Because the broad public interest in maintaining a sound tax system
is of such a high order, religious belief in conflict with the
payment of taxes affords no basis for resisting the tax. Pp.
455 U. S.
259-260.
(d) Congress, in § 1402(g), has accommodated, to the extent
compatible with a comprehensive national program, the practices of
those who believe it a violation of their faith to participate in
the social security system. When followers of a particular sect
enter into commercial activity as a matter of choice, the limits
they accept on their own conduct as a matter of conscience and
faith are not to be superimposed on the statutory schemes that are
binding on others in that activity. Granting an exemption from
social security taxes to an employer operates to impose the
employer's religious faith on the employees. The tax imposed on
employers to support the social security system must be uniformly
applicable to all, except as Congress explicitly provides
otherwise.
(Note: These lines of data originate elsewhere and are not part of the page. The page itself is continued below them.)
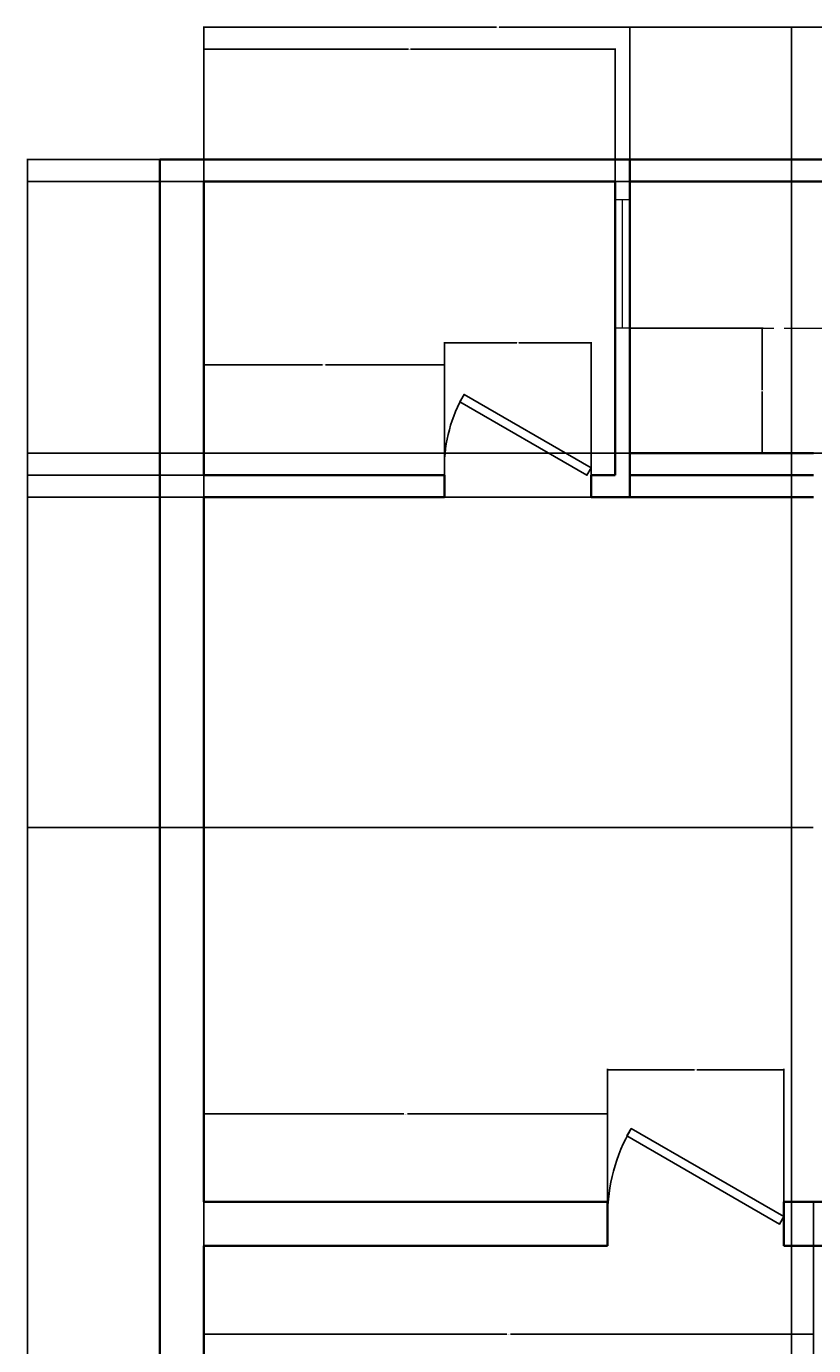
# Model space of a CAD drawing. Units: inches. Extents: x 2599 to 2953, y 557 to 1152.
# Tile 6 of 7: x 2599 to 2759, y 882 to 1152. Entities that reach past the tile are written whole.
import ezdxf

# ---------------------------------------------------------------- set-up
doc = ezdxf.new("R2010")
doc.units = ezdxf.units.IN
doc.linetypes.add('ACAD_ISO02W100', pattern=[15, 12, -3])
for name, color, linetype, lineweight in [('A-ANNO-DIMS', 2, 'Continuous', 18), ('A-DOOR', 4, 'Continuous', 25), ('A-GLAZ', 4, 'Continuous', 18), ('A-WALL', 7, 'Continuous', 35), ('A-WALL-OVHD', 8, 'ACAD_ISO02W100', 18)]:
    doc.layers.add(name, color=color, linetype=linetype, lineweight=lineweight)
doc.styles.get("Standard").update_dxf_attribs({"font": 'arial.ttf'})
doc.dimstyles.get("Standard").update_dxf_attribs({"dimtxt": 0.18, "dimasz": 0.18, "dimexe": 0.18, "dimexo": 0.0625, "dimgap": 0.09, "dimtad": 0, "dimtih": 1, "dimtoh": 1, "dimdec": 4, "dimzin": 0, "dimdsep": 46, "dimtxsty": 'Standard', "dimcen": 0.09, "dimadec": 0, "dimazin": 0, "dimtfac": 1, "dimtdec": 4, "dimtofl": 0, "dimtmove": 0, "dimatfit": 3, "dimfxl": 1, "dimtolj": 1, "dimtzin": 0, "dimarcsym": 0})

# ---------------------------------------------------------------- blocks, each defined once
blk = doc.blocks.new('*U3')
for p, q in [((-30, 0), (-30, -6)), ((0, 0), (0, -6))]:
    blk.add_line(p, q)
blk.add_lwpolyline([(0, 0), (-25.98, 15), (-26.86, 13.48), (-0.88, -1.52)], close=True)
blk.add_arc((0, 0), 30, 150, 180)
blk = doc.blocks.new('*U7')
for p, q in [((0, 0), (0, -6)), ((-36, 0), (-36, -6))]:
    blk.add_line(p, q)
blk.add_lwpolyline([(0, 0), (-31.18, 18), (-32.05, 16.48), (-0.88, -1.52)], close=True)
blk.add_arc((0, 0), 36, 150, 180)
blk = doc.blocks.new('WIN-26_335IN')
for p, q in [((0, 26.33), (3, 26.33)), ((1.5, 0), (1.5, 26.33)), ((3, 0), (0, 0))]:
    blk.add_line(p, q)
blk = doc.blocks.new('*D21')
at = {"layer": 'A-ANNO-DIMS', "color": 0, "lineweight": -2, "transparency": 16777216}
for p, q in [((2625.92, 1124.28), (2625.92, 557.16)), ((2925.92, 584.28), (2925.92, 557.16)), ((2626.1, 557.34), (2775.63, 557.34)), ((2925.74, 557.34), (2776.21, 557.34))]:
    blk.add_line(p, q, dxfattribs=at)
at = {"layer": 'A-ANNO-DIMS', "color": 0, "transparency": 16777216}
for points in [[(2626.1, 557.37), (2626.1, 557.31), (2625.92, 557.34)], [(2925.74, 557.37), (2925.74, 557.31), (2925.92, 557.34)]]:
    blk.add_solid(points, dxfattribs=at)
at = {"layer": 'Defpoints', "color": 0, "transparency": 16777216}
for p in [(2625.92, 1124.34), (2925.92, 584.34), (2925.92, 557.34)]:
    blk.add_point(p, dxfattribs=at)
at = {"layer": 'A-ANNO-DIMS', "color": 0, "transparency": 16777216, "insert": (2775.92, 557.34), "char_height": 0.18, "attachment_point": 5}
blk.add_mtext('\\A1;300', dxfattribs=at)
blk = doc.blocks.new('*D22')
at = {"layer": 'A-ANNO-DIMS', "color": 0, "lineweight": -2, "transparency": 16777216}
for p, q in [((2625.86, 1124.34), (2598.74, 1124.34)), ((2598.92, 1124.16), (2598.92, 854.52)), ((2598.92, 584.52), (2598.92, 854.16)), ((2625.86, 584.34), (2598.74, 584.34))]:
    blk.add_line(p, q, dxfattribs=at)
at = {"layer": 'A-ANNO-DIMS', "color": 0, "transparency": 16777216}
for points in [[(2598.89, 1124.16), (2598.95, 1124.16), (2598.92, 1124.34)], [(2598.89, 584.52), (2598.95, 584.52), (2598.92, 584.34)]]:
    blk.add_solid(points, dxfattribs=at)
at = {"layer": 'Defpoints', "color": 0, "transparency": 16777216}
for p in [(2598.92, 1124.34), (2625.92, 1124.34), (2625.92, 584.34)]:
    blk.add_point(p, dxfattribs=at)
at = {"layer": 'A-ANNO-DIMS', "color": 0, "transparency": 16777216, "insert": (2598.92, 854.34), "char_height": 0.18, "attachment_point": 5}
blk.add_mtext('\\A1;540', dxfattribs=at)
blk = doc.blocks.new('*D37')
at = {"layer": 'A-ANNO-DIMS', "color": 0, "lineweight": -2, "transparency": 16777216}
for p, q in [((2634.92, 761.4), (2634.92, 1151.53)), ((2635.1, 1151.35), (2694.64, 1151.35)), ((2754.74, 1151.35), (2695.2, 1151.35)), ((2754.92, 761.4), (2754.92, 1151.53))]:
    blk.add_line(p, q, dxfattribs=at)
at = {"layer": 'A-ANNO-DIMS', "color": 0, "transparency": 16777216}
for points in [[(2635.1, 1151.38), (2635.1, 1151.32), (2634.92, 1151.35)], [(2754.74, 1151.38), (2754.74, 1151.32), (2754.92, 1151.35)]]:
    blk.add_solid(points, dxfattribs=at)
at = {"layer": 'Defpoints', "color": 0, "transparency": 16777216}
for p in [(2754.92, 1151.35), (2634.92, 761.34), (2754.92, 761.34)]:
    blk.add_point(p, dxfattribs=at)
at = {"layer": 'A-ANNO-DIMS', "color": 0, "transparency": 16777216, "insert": (2694.92, 1151.35), "char_height": 0.18, "attachment_point": 5}
blk.add_mtext('\\A1;120', dxfattribs=at)
blk = doc.blocks.new('*D54')
at = {"layer": 'A-ANNO-DIMS', "color": 0, "lineweight": -2, "transparency": 16777216}
for p, q in [((2634.92, 911.28), (2634.92, 884.16)), ((2759.42, 911.28), (2759.42, 884.16)), ((2635.1, 884.34), (2696.79, 884.34)), ((2759.24, 884.34), (2697.56, 884.34))]:
    blk.add_line(p, q, dxfattribs=at)
at = {"layer": 'A-ANNO-DIMS', "color": 0, "transparency": 16777216}
for points in [[(2635.1, 884.37), (2635.1, 884.31), (2634.92, 884.34)], [(2759.24, 884.37), (2759.24, 884.31), (2759.42, 884.34)]]:
    blk.add_solid(points, dxfattribs=at)
at = {"layer": 'Defpoints', "color": 0, "transparency": 16777216}
for p in [(2634.92, 911.34), (2759.42, 911.34), (2634.92, 884.34)]:
    blk.add_point(p, dxfattribs=at)
at = {"layer": 'A-ANNO-DIMS', "color": 0, "transparency": 16777216, "insert": (2697.17, 884.34), "char_height": 0.18, "attachment_point": 5}
blk.add_mtext('\\A1;124.5', dxfattribs=at)
blk = doc.blocks.new('*D55')
at = {"layer": 'A-ANNO-DIMS', "color": 0, "lineweight": -2, "transparency": 16777216}
for p, q in [((2759.42, 911.28), (2759.42, 557.16)), ((2787.92, 911.28), (2787.92, 557.16)), ((2759.6, 557.34), (2773.35, 557.34)), ((2787.74, 557.34), (2774, 557.34))]:
    blk.add_line(p, q, dxfattribs=at)
at = {"layer": 'A-ANNO-DIMS', "color": 0, "transparency": 16777216}
for points in [[(2759.6, 557.37), (2759.6, 557.31), (2759.42, 557.34)], [(2787.74, 557.37), (2787.74, 557.31), (2787.92, 557.34)]]:
    blk.add_solid(points, dxfattribs=at)
at = {"layer": 'Defpoints', "color": 0, "transparency": 16777216}
for p in [(2759.42, 911.34), (2787.92, 911.34), (2787.92, 557.34)]:
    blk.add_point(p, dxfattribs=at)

Pp.
455 U. S.
260-261.
497 F.
Supp. 180, reversed and remanded.
BURGER, C.J., delivered the opinion of the Court, in which
BRENNAN, WHITE, MARSHALL, BLACKMUN, POWELL, REHNQUIST, and
O'CONNOR, JJ., joined. STEVENS, J., filed an opinion concurring in
the judgment,
post, p.
455 U. S.
261.
Page 455 U. S. 254
CHIEF JUSTICE BURGER delivered the opinion of the Court.
We noted probable jurisdiction to determine whether imposition
of social security taxes is unconstitutional as applied to persons
who object on religious grounds to receipt of public insurance
benefits and to payment of taxes to support public insurance funds.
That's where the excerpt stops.